9月9日放送のクローズアップ現代+放送後、こちらの投稿フォームに1週間で31件のご意見が寄せられました。お送りくださった方々に感謝いたします。
その中には、現役生徒や教員、保護者の立場から“校則がつらい”という切実で多様な声や、“ルールだから黙って従う”という校則の風潮が現在の社会課題の要因になっているのではという指摘まで、ハッとさせられるご意見ばかりでした。その一部をご紹介いたします。
※いただいたご意見・情報は趣旨を変えずに一部表現を修正させていただくことがあります。

9月9日放送 クローズアップ現代+「その校則、必要ですか?」
テキストダイジェスト版はこちら

トランスジェンダーの私には、性別ごとの制服が耐えられなかった

3月まで在籍していた中学校は、性別ごとの制服がありました。トランスジェンダーである私はそれに耐えきれず、一時通学ができなくなりました。去年、全校生徒の意思決定機関である生徒総会で性別に関係なく制服を選択できるようにする案を提出。たくさんの質問や意見をもらった上で、賛成多数で可決。教員によると、以前より「男女別」になっているものに問題意識があったり、解決しようと取り組んだりする生徒は増えており、トランスジェンダーに限らず、自分の着たい制服を着ている生徒は増えたそうです。髪型や身だしなみ、制服の規定、特にそれが性別ごとに分けられている場合、それは本当に必要ですか?生徒に人権教育をする前に、まずは学校が自ら考えてみてほしいです。
(10代・女性)

ご本人が改正案を出したことで賛否さまざまな意見に向き合うことになり、精神的な負担も大きかったのではと想像しました。32歳の私自身、中学生のときには性的マイノリティーの存在を知らず過ごしてきましたが、当事者の方々が声を上げたことで課題がみえてきた今、当たり前と思われた“制服”のあり方を考え直すときがきているように感じました。

“ポニーテールがホウキみたいだね”

高校1年生の時こと。元々茶髪で、外で活動する部活で髪が焼け、さらに明るい髪色になってました。服装頭髪チェックで先生に個別で呼び出されると「髪色が明るい・傷んでるから染めたのか」と言われ、最終的には「ポニーテールがホウキみたいだね」と言われました。 コンプレックスである髪色を注意され、心無い言葉を聞いてその先生への信頼が無くなり、卒業までその先生との関わりを避けました。
(20代・女性)

“校則でコンプレックスが隠せずつらい”という声を、これまでの取材でも多く聞きました。服装や頭髪のチェックの際、多くの生徒や教員の前でひとりひとり確認し、違反した場合はみんなの前で指摘される「公開処刑」とも言われる状況もあるそうです。

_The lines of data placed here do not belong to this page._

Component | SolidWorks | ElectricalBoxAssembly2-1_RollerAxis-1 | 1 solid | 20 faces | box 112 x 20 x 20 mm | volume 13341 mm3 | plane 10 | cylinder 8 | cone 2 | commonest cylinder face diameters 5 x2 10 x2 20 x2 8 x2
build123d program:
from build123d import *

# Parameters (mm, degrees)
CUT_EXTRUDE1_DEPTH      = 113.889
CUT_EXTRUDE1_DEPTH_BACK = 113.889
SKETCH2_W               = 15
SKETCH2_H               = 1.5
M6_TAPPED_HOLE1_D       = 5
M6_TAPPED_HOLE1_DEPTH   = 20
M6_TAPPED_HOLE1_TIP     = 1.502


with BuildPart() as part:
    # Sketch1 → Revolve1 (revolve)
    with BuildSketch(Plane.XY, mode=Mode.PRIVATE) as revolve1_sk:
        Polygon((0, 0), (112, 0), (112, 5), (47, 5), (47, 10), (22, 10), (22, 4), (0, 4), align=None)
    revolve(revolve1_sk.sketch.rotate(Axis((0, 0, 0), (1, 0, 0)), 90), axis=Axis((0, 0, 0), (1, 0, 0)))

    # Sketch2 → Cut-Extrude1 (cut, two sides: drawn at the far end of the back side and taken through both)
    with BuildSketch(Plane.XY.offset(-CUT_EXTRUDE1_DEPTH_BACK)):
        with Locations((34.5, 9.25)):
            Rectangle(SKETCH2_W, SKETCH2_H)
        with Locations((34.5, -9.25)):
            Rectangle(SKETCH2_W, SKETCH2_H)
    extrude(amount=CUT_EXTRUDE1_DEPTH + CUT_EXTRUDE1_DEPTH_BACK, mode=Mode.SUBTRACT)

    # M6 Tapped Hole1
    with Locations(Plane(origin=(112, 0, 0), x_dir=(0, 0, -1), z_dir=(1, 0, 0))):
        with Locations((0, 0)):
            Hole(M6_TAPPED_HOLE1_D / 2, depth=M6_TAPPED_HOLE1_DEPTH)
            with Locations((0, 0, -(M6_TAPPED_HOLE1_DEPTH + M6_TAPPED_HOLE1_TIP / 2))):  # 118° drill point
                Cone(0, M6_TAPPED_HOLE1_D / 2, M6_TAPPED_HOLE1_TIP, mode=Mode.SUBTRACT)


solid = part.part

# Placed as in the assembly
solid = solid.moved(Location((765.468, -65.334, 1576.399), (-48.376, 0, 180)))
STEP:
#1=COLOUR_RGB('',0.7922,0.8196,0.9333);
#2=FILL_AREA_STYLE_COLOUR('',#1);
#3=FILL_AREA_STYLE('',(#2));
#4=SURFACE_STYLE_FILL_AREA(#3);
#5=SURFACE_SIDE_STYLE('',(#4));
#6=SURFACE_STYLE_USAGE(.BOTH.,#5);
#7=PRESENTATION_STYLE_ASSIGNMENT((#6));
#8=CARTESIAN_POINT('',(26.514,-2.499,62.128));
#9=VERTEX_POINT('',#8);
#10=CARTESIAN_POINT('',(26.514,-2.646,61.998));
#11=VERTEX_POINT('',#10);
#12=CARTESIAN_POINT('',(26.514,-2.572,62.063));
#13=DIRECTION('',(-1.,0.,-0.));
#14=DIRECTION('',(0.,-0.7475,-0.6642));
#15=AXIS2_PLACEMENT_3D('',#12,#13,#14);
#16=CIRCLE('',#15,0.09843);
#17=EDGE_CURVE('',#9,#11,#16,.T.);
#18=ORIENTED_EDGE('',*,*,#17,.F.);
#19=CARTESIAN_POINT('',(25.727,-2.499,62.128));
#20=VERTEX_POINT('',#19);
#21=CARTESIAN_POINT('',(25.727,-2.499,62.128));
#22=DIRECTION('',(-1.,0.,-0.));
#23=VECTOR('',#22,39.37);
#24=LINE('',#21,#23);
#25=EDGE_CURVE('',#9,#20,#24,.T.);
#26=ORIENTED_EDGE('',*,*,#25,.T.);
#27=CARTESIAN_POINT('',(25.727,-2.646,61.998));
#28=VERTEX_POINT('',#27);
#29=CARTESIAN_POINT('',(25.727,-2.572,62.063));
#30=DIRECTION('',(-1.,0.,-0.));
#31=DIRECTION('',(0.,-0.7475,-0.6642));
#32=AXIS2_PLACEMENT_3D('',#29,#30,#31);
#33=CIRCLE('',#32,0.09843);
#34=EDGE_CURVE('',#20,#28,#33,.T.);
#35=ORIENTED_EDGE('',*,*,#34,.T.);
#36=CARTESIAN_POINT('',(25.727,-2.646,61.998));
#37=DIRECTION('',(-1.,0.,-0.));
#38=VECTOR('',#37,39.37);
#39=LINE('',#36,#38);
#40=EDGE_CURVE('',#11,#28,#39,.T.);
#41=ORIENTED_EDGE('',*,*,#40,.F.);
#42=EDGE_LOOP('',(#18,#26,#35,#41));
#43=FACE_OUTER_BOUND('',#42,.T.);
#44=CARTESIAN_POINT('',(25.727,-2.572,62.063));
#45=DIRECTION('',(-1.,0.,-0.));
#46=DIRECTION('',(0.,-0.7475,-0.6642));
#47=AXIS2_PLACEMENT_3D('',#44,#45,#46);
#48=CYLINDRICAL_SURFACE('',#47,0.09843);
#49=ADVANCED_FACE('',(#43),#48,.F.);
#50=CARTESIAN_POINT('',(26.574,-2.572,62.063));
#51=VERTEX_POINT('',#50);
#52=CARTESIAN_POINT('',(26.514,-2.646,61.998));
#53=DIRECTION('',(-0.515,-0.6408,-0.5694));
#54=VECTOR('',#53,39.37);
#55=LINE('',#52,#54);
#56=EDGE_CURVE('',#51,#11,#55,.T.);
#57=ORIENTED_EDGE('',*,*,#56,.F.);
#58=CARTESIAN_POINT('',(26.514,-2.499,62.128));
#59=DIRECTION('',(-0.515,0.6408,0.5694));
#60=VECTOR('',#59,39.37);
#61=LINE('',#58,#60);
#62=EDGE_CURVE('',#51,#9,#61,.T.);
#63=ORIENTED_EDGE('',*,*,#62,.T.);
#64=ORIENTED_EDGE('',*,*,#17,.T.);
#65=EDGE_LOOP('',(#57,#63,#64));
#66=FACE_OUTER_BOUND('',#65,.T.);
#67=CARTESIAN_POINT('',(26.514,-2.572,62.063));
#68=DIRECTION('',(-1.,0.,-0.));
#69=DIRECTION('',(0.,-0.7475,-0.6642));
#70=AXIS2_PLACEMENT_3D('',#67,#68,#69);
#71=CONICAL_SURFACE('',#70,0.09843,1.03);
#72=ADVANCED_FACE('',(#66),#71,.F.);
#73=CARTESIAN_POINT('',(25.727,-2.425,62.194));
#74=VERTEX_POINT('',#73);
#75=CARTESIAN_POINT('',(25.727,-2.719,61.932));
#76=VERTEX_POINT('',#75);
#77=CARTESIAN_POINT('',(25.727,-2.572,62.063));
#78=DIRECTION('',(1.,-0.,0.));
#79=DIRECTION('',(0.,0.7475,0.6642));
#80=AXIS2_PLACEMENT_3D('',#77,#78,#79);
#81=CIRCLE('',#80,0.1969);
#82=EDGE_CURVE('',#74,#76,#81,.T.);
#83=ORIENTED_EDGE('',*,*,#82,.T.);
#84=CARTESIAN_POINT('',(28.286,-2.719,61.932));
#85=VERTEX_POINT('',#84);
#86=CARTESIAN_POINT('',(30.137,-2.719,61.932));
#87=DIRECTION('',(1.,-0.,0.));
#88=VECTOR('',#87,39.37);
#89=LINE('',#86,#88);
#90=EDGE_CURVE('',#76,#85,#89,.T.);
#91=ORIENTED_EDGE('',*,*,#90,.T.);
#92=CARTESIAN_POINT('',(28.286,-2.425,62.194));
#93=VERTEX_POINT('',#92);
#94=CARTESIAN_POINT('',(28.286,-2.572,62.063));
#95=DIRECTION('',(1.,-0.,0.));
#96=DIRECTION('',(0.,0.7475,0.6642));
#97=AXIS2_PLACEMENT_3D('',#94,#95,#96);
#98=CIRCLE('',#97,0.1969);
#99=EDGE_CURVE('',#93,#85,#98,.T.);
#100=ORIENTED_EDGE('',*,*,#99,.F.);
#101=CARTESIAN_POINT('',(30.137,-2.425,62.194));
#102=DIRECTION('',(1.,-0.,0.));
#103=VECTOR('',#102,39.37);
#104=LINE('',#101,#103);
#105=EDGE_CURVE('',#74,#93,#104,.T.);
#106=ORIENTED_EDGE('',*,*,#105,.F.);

この女性の声から、指導の域を超えて生徒を傷つける可能性はないか、見つめ直す必要もあるように思えました。

“ルールだから”でいいのか? 教員も違和感

元教員です。教員には校則に疑問を感じず従ってきた「優等生」が多いと感じます。校則の意味や意義を聞くと、「ルールはルールです」と答える同僚たちに囲まれた職員室のなかで、生徒の疑問や不満に正面から向き合い続けましたが、こちらの心が折れてしまいました。
(40代・男性)

大阪府の教員です。まさしく今生徒会の風紀委員を中心に髪型の校則を変えているところです。社会では清潔感を出すツーブロックが校則では奇抜な髪型になっています。ポニーテールも禁止でしたが、なぜ 禁止されたのかを調べると「女子がうなじを見せるのは良くない」という理由でした。生徒の自治力を育むために、生徒同士で話し合わせ、生徒会が全生徒や教職員に校則改正をプレゼンしています。ただ何でもOKするのではなく子どもたちで新しい校則を作っています。もっと早くこうしていればよかったと、ひしと感じています。
(40代・女性)

先生たちへの取材では「生徒に説明がつかないルールは指導していてつらい」という声をよく伺います。自分たちの生徒指導に納得できず離職したという教員の方もいました。校則は、生徒の成長と安全を願ってのルールかと思いますが、そうした理念に立ち返り、先生にとっても納得いくものになってほしいと、2人の先生方の声から考えさせられました。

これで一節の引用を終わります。